Два часа мертвый, серый мрак сжимал воздух. Воскресение было медленное, едва уловимое: только дышать становилось легче, сердце стукнуло громче, да птицы, еще робко, но кое-где перекликнулись с радостным недоумением. Небо выходило из пустоты, возвращалось ко мне.

Моя спутница притихла, как птица, но она была не птица, которая воскресла безотчетно лишь с воскресением; и не я, понимающий жизнь, небо и землю, как это было мне дано, и который воскрес тоже лишь с воскресением; она была – между нами, на половине пути; со своим получувством твари и полумыслью человека, она скоро оправилась, зная, что это – «астрономическое явление, которое обычно, и оно пройдет: неприятно в первую минуту, а потом очень интересно».

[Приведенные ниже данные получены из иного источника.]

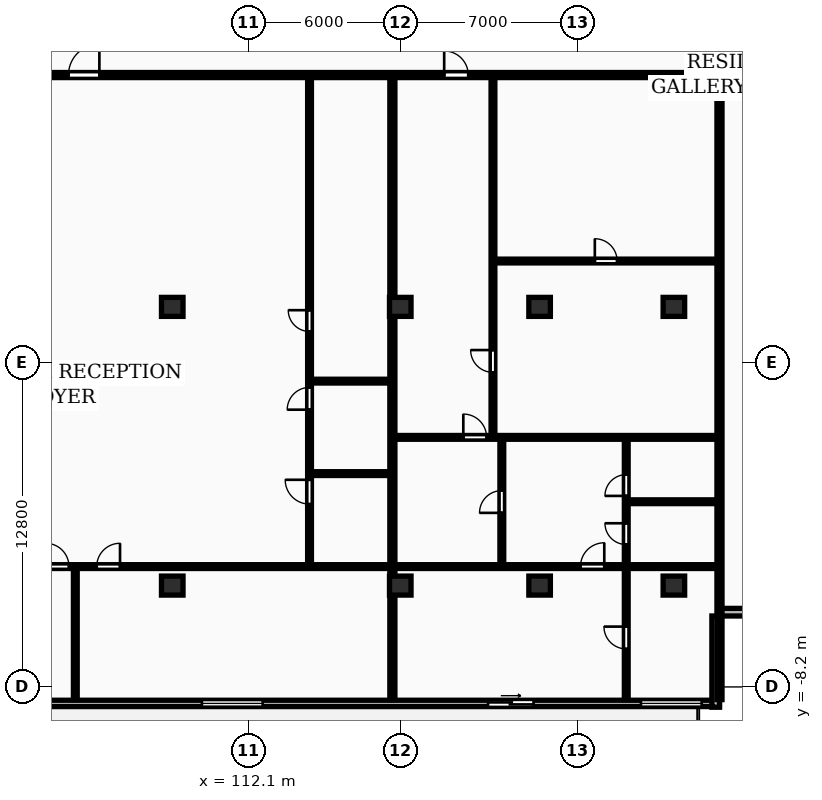
"""IFC4 building model, lengths in metres.
Left out: names, types, materials, properties, quantities, classifications, styles, units other than length and angle.
Written with IfcOpenShell. Run it as: python <this file> out.ifc"""

import sys

from ifc_helpers import new_model, si_unit, direction, frame, frame_2d, origin, origin_2d, place, context, subcontext, project, spatial, rectangle, extrude, element, fill, save


model = new_model("IFC4")
c1 = context("Model", 3, precision=1e-05, world=origin(), true_north=direction((0.0, 1.0)))
c2 = subcontext(c1, "Body", "Model", "MODEL_VIEW")
j1 = project(units=[si_unit("LENGTHUNIT", "METRE"), si_unit("PLANEANGLEUNIT", "RADIAN")], contexts=[c1])
p1 = place(None, origin())
s1 = spatial("IfcSite", under=j1, at=p1, CompositionType="ELEMENT")
p2 = place(p1, origin())
s2 = spatial("IfcBuilding", under=s1, at=p2, CompositionType="ELEMENT")
p3 = place(p2, frame((0.0, 0.0, 93.8)))
s3 = spatial("IfcBuildingStorey", under=s2, at=p3, CompositionType="ELEMENT", Elevation=93.8)
for number, where, z_axis, x_axis in (
    (1, (109.1, -4.2, 0.0), (0.0, 0.0, 1.0), (1.0, 0.0, 0.0)),
    (2, (109.1, 6.8, 0.0), (0.0, 0.0, 1.0), (1.0, 0.0, 0.0)),
    (3, (118.1, -4.2, 0.0), (0.0, 0.0, 1.0), (1.0, 0.0, 0.0)),
    (4, (118.1, 6.8, 0.0), (0.0, 0.0, 1.0), (1.0, 0.0, 0.0)),
    (5, (123.6, -4.2, 0.0), (0.0, 0.0, 1.0), (1.0, 0.0, 0.0)),
    (6, (123.6, 6.8, 0.0), (0.0, 0.0, 1.0), (1.0, 0.0, 0.0)),
    (7, (128.9, -4.2, 0.0), (0.0, 0.0, 1.0), (1.0, 0.0, 0.0)),
    (8, (128.9, 6.8, 0.0), (0.0, 0.0, 1.0), (1.0, 0.0, 0.0)),
):
    element("IfcColumn", number, at=place(p3, frame(where, z_axis=z_axis, x_axis=x_axis)), inside=s3, PredefinedType="COLUMN", context=c2, shape_type="SweptSolid", body=[
        extrude(rectangle(XDim=0.85, YDim=0.75, at=origin_2d()), origin(), (0.0, 0.0, 1.0), 3.25),
    ])
p4 = place(p3, frame((72.7, -8.85, 0.0), z_axis=(0.0, 0.0, 1.0), x_axis=(1.0, 0.0, 0.0)))
e9 = element("IfcWall", 9, at=p4, inside=s3, PredefinedType="STANDARD", context=c2, shape_type="SweptSolid", body=[
    extrude(rectangle(XDim=58.0, YDim=0.25, at=frame_2d((29.0, 0.0))), origin(), (0.0, 0.0, 1.0), 2.97),
])
p5 = place(p4, frame((4.117, 0.0, 0.0)))
e10 = element("IfcOpeningElement", 10, at=p5, cuts=e9, PredefinedType="OPENING", context=c2, shape_type="SweptSolid", body=[
    extrude(rectangle(XDim=1.8, YDim=2.2, at=frame_2d((0.9, 1.1))), frame((0.0, 0.135, 0.0), z_axis=(0.0, -1.0, 0.0), x_axis=(1.0, 0.0, 0.0)), (0.0, 0.0, 1.0), 0.27),
])
p6 = place(p4, frame((15.032, 0.0, 0.85)))
e11 = element("IfcOpeningElement", 11, at=p6, cuts=e9, PredefinedType="OPENING", context=c2, shape_type="SweptSolid", body=[
    extrude(rectangle(XDim=2.4, YDim=1.9, at=frame_2d((1.2, 0.95))), frame((0.0, 0.135, 0.0), z_axis=(0.0, -1.0, 0.0), x_axis=(1.0, 0.0, 0.0)), (0.0, 0.0, 1.0), 0.27),
])
p7 = place(p4, frame((26.781, 0.0, 0.0)))
e12 = element("IfcOpeningElement", 12, at=p7, cuts=e9, PredefinedType="OPENING", context=c2, shape_type="SweptSolid", body=[
    extrude(rectangle(XDim=1.8, YDim=2.2, at=frame_2d((0.9, 1.1))), frame((0.0, 0.135, 0.0), z_axis=(0.0, -1.0, 0.0), x_axis=(1.0, 0.0, 0.0)), (0.0, 0.0, 1.0), 0.27),
])
p8 = place(p4, frame((37.571, 0.0, 0.85)))
e13 = element("IfcOpeningElement", 13, at=p8, cuts=e9, PredefinedType="OPENING", context=c2, shape_type="SweptSolid", body=[
    extrude(rectangle(XDim=2.4, YDim=1.9, at=frame_2d((1.2, 0.95))), frame((0.0, 0.135, 0.0), z_axis=(0.0, -1.0, 0.0), x_axis=(1.0, 0.0, 0.0)), (0.0, 0.0, 1.0), 0.27),
])
p9 = place(p4, frame((48.864, 0.0, 0.0)))
e14 = element("IfcOpeningElement", 14, at=p9, cuts=e9, PredefinedType="OPENING", context=c2, shape_type="SweptSolid", body=[
    extrude(rectangle(XDim=1.8, YDim=2.2, at=frame_2d((0.9, 1.1))), frame((0.0, 0.135, 0.0), z_axis=(0.0, -1.0, 0.0), x_axis=(1.0, 0.0, 0.0)), (0.0, 0.0, 1.0), 0.27),
])
p10 = place(p4, frame((54.9, 0.0, 0.85)))
e15 = element("IfcOpeningElement", 15, at=p10, cuts=e9, PredefinedType="OPENING", context=c2, shape_type="SweptSolid", body=[
    extrude(rectangle(XDim=2.4, YDim=1.9, at=frame_2d((1.2, 0.95))), frame((0.0, 0.135, 0.0), z_axis=(0.0, -1.0, 0.0), x_axis=(1.0, 0.0, 0.0)), (0.0, 0.0, 1.0), 0.27),
])
for number, where, z_axis, x_axis in (
    (16, (130.55, -9.0, 0.0), (0.0, 0.0, 1.0), (0.0, 1.0, 0.0)),
    (17, (130.7, -5.25, 0.0), (0.0, 0.0, 1.0), (1.0, 0.0, 0.0)),
):
    element("IfcWall", number, at=place(p3, frame(where, z_axis=z_axis, x_axis=x_axis)), inside=s3, PredefinedType="STANDARD", context=c2, shape_type="SweptSolid", body=[
        extrude(rectangle(XDim=3.6, YDim=0.3, at=frame_2d((1.8, 0.0))), origin(), (0.0, 0.0, 1.0), 2.97),
    ])
for number, where, z_axis, x_axis in (
    (18, (130.7, -8.7, 0.0), (0.0, 0.0, 1.0), (0.0, 1.0, 0.0)),
    (19, (117.789, -8.7, 0.0), (0.0, 0.0, 1.0), (0.0, 1.0, 0.0)),
):
    element("IfcWall", number, at=place(p3, frame(where, z_axis=z_axis, x_axis=x_axis)), inside=s3, PredefinedType="PARTITIONING", context=c2, shape_type="SweptSolid", body=[
        extrude(rectangle(XDim=24.57, YDim=0.2, at=frame_2d((12.285, 0.0))), origin(), (0.0, 0.0, 1.0), 2.97),
    ])
for number, where, z_axis, x_axis in (
    (20, (114.579, 0.22, 0.0), (0.0, 0.0, 1.0), (1.0, 0.0, 0.0)),
    (21, (114.579, 3.87, 0.0), (0.0, 0.0, 1.0), (1.0, 0.0, 0.0)),
):
    element("IfcWall", number, at=place(p3, frame(where, z_axis=z_axis, x_axis=x_axis)), inside=s3, PredefinedType="PARTITIONING", context=c2, shape_type="SweptSolid", body=[
        extrude(rectangle(XDim=3.13, YDim=0.15, at=frame_2d((1.565, 0.0))), origin(), (0.0, 0.0, 1.0), 2.97),
    ])
p11 = place(p3, frame((114.519, -3.39, 0.0), z_axis=(0.0, 0.0, 1.0), x_axis=(0.0, 1.0, 0.0)))
e22 = element("IfcWall", 22, at=p11, inside=s3, PredefinedType="PARTITIONING", context=c2, shape_type="SweptSolid", body=[
    extrude(rectangle(XDim=19.28, YDim=0.15, at=frame_2d((9.64, 0.0))), origin(), (0.0, 0.0, 1.0), 2.97),
])
p12 = place(p11, frame((2.406, 0.0, 0.0)))
e23 = element("IfcOpeningElement", 23, at=p12, cuts=e22, PredefinedType="OPENING", context=c2, shape_type="SweptSolid", body=[
    extrude(rectangle(XDim=0.96, YDim=2.1, at=frame_2d((0.48, 1.05))), frame((0.0, 0.085, 0.0), z_axis=(0.0, -1.0, 0.0), x_axis=(1.0, 0.0, 0.0)), (0.0, 0.0, 1.0), 0.17),
])
p13 = place(p11, frame((6.133, 0.0, 0.0)))
e24 = element("IfcOpeningElement", 24, at=p13, cuts=e22, PredefinedType="OPENING", context=c2, shape_type="SweptSolid", body=[
    extrude(rectangle(XDim=0.88, YDim=2.06, at=frame_2d((0.44, 1.03))), frame((0.0, 0.085, 0.0), z_axis=(0.0, -1.0, 0.0), x_axis=(1.0, 0.0, 0.0)), (0.0, 0.0, 1.0), 0.17),
])
p14 = place(p11, frame((9.22, 0.0, 0.0)))
e25 = element("IfcOpeningElement", 25, at=p14, cuts=e22, PredefinedType="OPENING", context=c2, shape_type="SweptSolid", body=[
    extrude(rectangle(XDim=0.84, YDim=2.04, at=frame_2d((0.42, 1.02))), frame((0.0, 0.085, 0.0), z_axis=(0.0, -1.0, 0.0), x_axis=(1.0, 0.0, 0.0)), (0.0, 0.0, 1.0), 0.17),
])
p15 = place(p3, frame((105.274, -8.7, 0.0), z_axis=(0.0, 0.0, 1.0), x_axis=(0.0, 1.0, 0.0)))
e26 = element("IfcWall", 26, at=p15, inside=s3, PredefinedType="PARTITIONING", context=c2, shape_type="SweptSolid", body=[
    extrude(rectangle(XDim=5.17, YDim=0.15, at=frame_2d((2.585, 0.0))), origin(), (0.0, 0.0, 1.0), 2.97),
])
p16 = place(p3, frame((95.449, -3.45, 0.0), z_axis=(0.0, 0.0, 1.0), x_axis=(1.0, 0.0, 0.0)))
e27 = element("IfcWall", 27, at=p16, inside=s3, PredefinedType="PARTITIONING", context=c2, shape_type="SweptSolid", body=[
    extrude(rectangle(XDim=22.26, YDim=0.15, at=frame_2d((11.13, 0.0))), origin(), (0.0, 0.0, 1.0), 2.97),
])
p17 = place(p16, frame((8.655, 0.0, 0.0)))
e28 = element("IfcOpeningElement", 28, at=p17, cuts=e27, PredefinedType="OPENING", context=c2, shape_type="SweptSolid", body=[
    extrude(rectangle(XDim=0.92, YDim=2.08, at=frame_2d((0.46, 1.04))), frame((0.0, 0.085, 0.0), z_axis=(0.0, -1.0, 0.0), x_axis=(1.0, 0.0, 0.0)), (0.0, 0.0, 1.0), 0.17),
])
p18 = place(p16, frame((10.67, 0.0, 0.0)))
e29 = element("IfcOpeningElement", 29, at=p18, cuts=e27, PredefinedType="OPENING", context=c2, shape_type="SweptSolid", body=[
    extrude(rectangle(XDim=0.92, YDim=2.08, at=frame_2d((0.46, 1.04))), frame((0.0, 0.085, 0.0), z_axis=(0.0, -1.0, 0.0), x_axis=(1.0, 0.0, 0.0)), (0.0, 0.0, 1.0), 0.17),
])
p19 = place(p3, frame((121.819, 8.61, 0.0), z_axis=(0.0, 0.0, 1.0), x_axis=(1.0, 0.0, 0.0)))
e30 = element("IfcWall", 30, at=p19, inside=s3, PredefinedType="PARTITIONING", context=c2, shape_type="SweptSolid", body=[
    extrude(rectangle(XDim=8.802, YDim=0.15, at=frame_2d((4.401, 0.0))), origin(), (0.0, 0.0, 1.0), 2.97),
])
p20 = place(p19, frame((3.961, 0.0, 0.0)))
e31 = element("IfcOpeningElement", 31, at=p20, cuts=e30, PredefinedType="OPENING", context=c2, shape_type="SweptSolid", body=[
    extrude(rectangle(XDim=0.88, YDim=2.06, at=frame_2d((0.44, 1.03))), frame((0.0, 0.085, 0.0), z_axis=(0.0, -1.0, 0.0), x_axis=(1.0, 0.0, 0.0)), (0.0, 0.0, 1.0), 0.17),
])
p21 = place(p3, frame((121.759, 1.69, 0.0), z_axis=(0.0, 0.0, 1.0), x_axis=(0.0, 1.0, 0.0)))
e32 = element("IfcWall", 32, at=p21, inside=s3, PredefinedType="PARTITIONING", context=c2, shape_type="SweptSolid", body=[
    extrude(rectangle(XDim=14.2, YDim=0.15, at=frame_2d((7.1, 0.0))), origin(), (0.0, 0.0, 1.0), 2.97),
])
p22 = place(p21, frame((2.526, 0.0, 0.0)))
e33 = element("IfcOpeningElement", 33, at=p22, cuts=e32, PredefinedType="OPENING", context=c2, shape_type="SweptSolid", body=[
    extrude(rectangle(XDim=0.88, YDim=2.06, at=frame_2d((0.44, 1.03))), frame((0.0, 0.085, 0.0), z_axis=(0.0, -1.0, 0.0), x_axis=(1.0, 0.0, 0.0)), (0.0, 0.0, 1.0), 0.17),
])
p23 = place(p3, frame((122.109, -3.39, 0.0), z_axis=(0.0, 0.0, 1.0), x_axis=(0.0, 1.0, 0.0)))
e34 = element("IfcWall", 34, at=p23, inside=s3, PredefinedType="PARTITIONING", context=c2, shape_type="SweptSolid", body=[
    extrude(rectangle(XDim=5.0, YDim=0.15, at=frame_2d((2.5, 0.0))), origin(), (0.0, 0.0, 1.0), 2.97),
])
p24 = place(p23, frame((2.06, 0.0, 0.0)))
e35 = element("IfcOpeningElement", 35, at=p24, cuts=e34, PredefinedType="OPENING", context=c2, shape_type="SweptSolid", body=[
    extrude(rectangle(XDim=0.88, YDim=2.06, at=frame_2d((0.44, 1.03))), frame((0.0, 0.085, 0.0), z_axis=(0.0, -1.0, 0.0), x_axis=(1.0, 0.0, 0.0)), (0.0, 0.0, 1.0), 0.17),
])
p25 = place(p3, frame((127.08, -0.89, 0.0), z_axis=(0.0, 0.0, 1.0), x_axis=(1.0, 0.0, 0.0)))
e36 = element("IfcWall", 36, at=p25, inside=s3, PredefinedType="PARTITIONING", context=c2, shape_type="SweptSolid", body=[
    extrude(rectangle(XDim=3.54, YDim=0.15, at=frame_2d((1.77, 0.0))), origin(), (0.0, 0.0, 1.0), 2.97),
])
p26 = place(p3, frame((127.02, -8.7, 0.0), z_axis=(0.0, 0.0, 1.0), x_axis=(0.0, 1.0, 0.0)))
e37 = element("IfcWall", 37, at=p26, inside=s3, PredefinedType="PARTITIONING", context=c2, shape_type="SweptSolid", body=[
    extrude(rectangle(XDim=10.31, YDim=0.15, at=frame_2d((5.155, 0.0))), origin(), (0.0, 0.0, 1.0), 2.97),
])
p27 = place(p26, frame((6.12, 0.0, 0.0)))
e38 = element("IfcOpeningElement", 38, at=p27, cuts=e37, PredefinedType="OPENING", context=c2, shape_type="SweptSolid", body=[
    extrude(rectangle(XDim=0.84, YDim=2.04, at=frame_2d((0.42, 1.02))), frame((0.0, 0.085, 0.0), z_axis=(0.0, -1.0, 0.0), x_axis=(1.0, 0.0, 0.0)), (0.0, 0.0, 1.0), 0.17),
])
p28 = place(p26, frame((8.04, 0.0, 0.0)))
e39 = element("IfcOpeningElement", 39, at=p28, cuts=e37, PredefinedType="OPENING", context=c2, shape_type="SweptSolid", body=[
    extrude(rectangle(XDim=0.84, YDim=2.04, at=frame_2d((0.42, 1.02))), frame((0.0, 0.085, 0.0), z_axis=(0.0, -1.0, 0.0), x_axis=(1.0, 0.0, 0.0)), (0.0, 0.0, 1.0), 0.17),
])
p29 = place(p26, frame((2.001, 0.0, 0.0)))
e40 = element("IfcOpeningElement", 40, at=p29, cuts=e37, PredefinedType="OPENING", context=c2, shape_type="SweptSolid", body=[
    extrude(rectangle(XDim=0.88, YDim=2.06, at=frame_2d((0.44, 1.03))), frame((0.0, 0.085, 0.0), z_axis=(0.0, -1.0, 0.0), x_axis=(1.0, 0.0, 0.0)), (0.0, 0.0, 1.0), 0.17),
])
p30 = place(p3, frame((117.869, 1.65, 0.0), z_axis=(0.0, 0.0, 1.0), x_axis=(1.0, 0.0, 0.0)))
e41 = element("IfcWall", 41, at=p30, inside=s3, PredefinedType="PARTITIONING", context=c2, shape_type="SweptSolid", body=[
    extrude(rectangle(XDim=12.751, YDim=0.15, at=frame_2d((6.376, 0.0))), origin(), (0.0, 0.0, 1.0), 2.97),
])
p31 = place(p30, frame((2.72, 0.0, 0.0)))
e42 = element("IfcOpeningElement", 42, at=p31, cuts=e41, PredefinedType="OPENING", context=c2, shape_type="SweptSolid", body=[
    extrude(rectangle(XDim=0.92, YDim=2.08, at=frame_2d((0.46, 1.04))), frame((0.0, 0.085, 0.0), z_axis=(0.0, -1.0, 0.0), x_axis=(1.0, 0.0, 0.0)), (0.0, 0.0, 1.0), 0.17),
])
p32 = place(p3, frame((117.869, -3.45, 0.0), z_axis=(0.0, 0.0, 1.0), x_axis=(1.0, 0.0, 0.0)))
e43 = element("IfcWall", 43, at=p32, inside=s3, PredefinedType="PARTITIONING", context=c2, shape_type="SweptSolid", body=[
    extrude(rectangle(XDim=12.751, YDim=0.15, at=frame_2d((6.376, 0.0))), origin(), (0.0, 0.0, 1.0), 2.97),
])
p33 = place(p32, frame((7.344, 0.0, 0.0)))
e44 = element("IfcOpeningElement", 44, at=p33, cuts=e43, PredefinedType="OPENING", context=c2, shape_type="SweptSolid", body=[
    extrude(rectangle(XDim=0.94, YDim=2.1, at=frame_2d((0.47, 1.05))), frame((0.0, 0.085, 0.0), z_axis=(0.0, -1.0, 0.0), x_axis=(1.0, 0.0, 0.0)), (0.0, 0.0, 1.0), 0.17),
])
p34 = place(p3, frame((72.7, 15.95, 0.0), z_axis=(0.0, 0.0, 1.0), x_axis=(1.0, 0.0, 0.0)))
e45 = element("IfcWall", 45, at=p34, inside=s3, PredefinedType="PARTITIONING", context=c2, shape_type="SweptSolid", body=[
    extrude(rectangle(XDim=58.0, YDim=0.2, at=frame_2d((29.0, 0.0))), origin(), (0.0, 0.0, 1.0), 2.97),
])
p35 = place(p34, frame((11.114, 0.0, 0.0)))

Она стала говорить, я молчал. Она рассердилась – у нас каждая мелочь вела к ссоре – и надулась, кажется. Мы вошли на гору, недалеко, сели. Стало уже светать тогда, и сердце мое ожило немного. Нельзя было терять времени. Сказать ей все, что я думал и чувствовал прямо, я мог бы только в одном случае, если бы затмение духа моего еще продолжалось. Ведь она бы ничего не услышала. И я сказал:

– За что ты сердишься? Я молчалив, я думаю о том, что нам надо расстаться.

Она изумленно взглянула на меня. Но я уже понимал ее взгляды. И продолжал:

– Ведь ты говорила, что хочешь, по некоторым соображениям, остаться ненадолго во Флоренции. А мне надо ехать теперь.

Об этом, действительно, была речь. В своих «соображениях» она путалась, я вникать не хотел, боялся, но требовал, чтобы она ехала со мною. А она кричала, что «должна быть свободна», и я уже ничего не понимал, ибо все судил от «любви», где «свободы» никакой не нужно.

– Ты, значит, теперь согласен? Ты понимаешь, что я должна чувствовать себя свободной?

Долго мы говорили. Господь с ней! Только бы не обидеть ребенка. Нежность у меня осталась, одинокая, большая, ненужная. Любви – не было. Она, эта женщина, была моим затмением.

Она почему-то плакала, много, жалобно, но детскими, какими-то не горькими слезами. Она сама не понимала, о чем плачет. «Ведь эта разлука всего на несколько недель!»

Нежность-жалость точно солью разъедала мое сердце. Если б я плакал, может быть, не так было бы больно. Но слезы не пришли. Я только тело мое все время чувствовал, и оно такое было тяжелое.

Мы вернулись в гостиницу задолго до обеда. Она измученная, наплаканная, прилегла на высокую кровать против окна, у которого стоял диванчик. Прилегла, отвернулась к стене и тотчас же заснула, крепко, вдруг, точно огорченный ребенок. А я, не зная, зачем, почему, двигаясь безотчетно, взял лист сероватой бумаги, карандаш, сел на диванчик у окна и стал рисовать подушки, золотой узел ее волос, все ее беспомощное, худенькое, маленькое тело, складки белого пикейного платья, чуть свисающие вниз, кончик ноги на одеяле.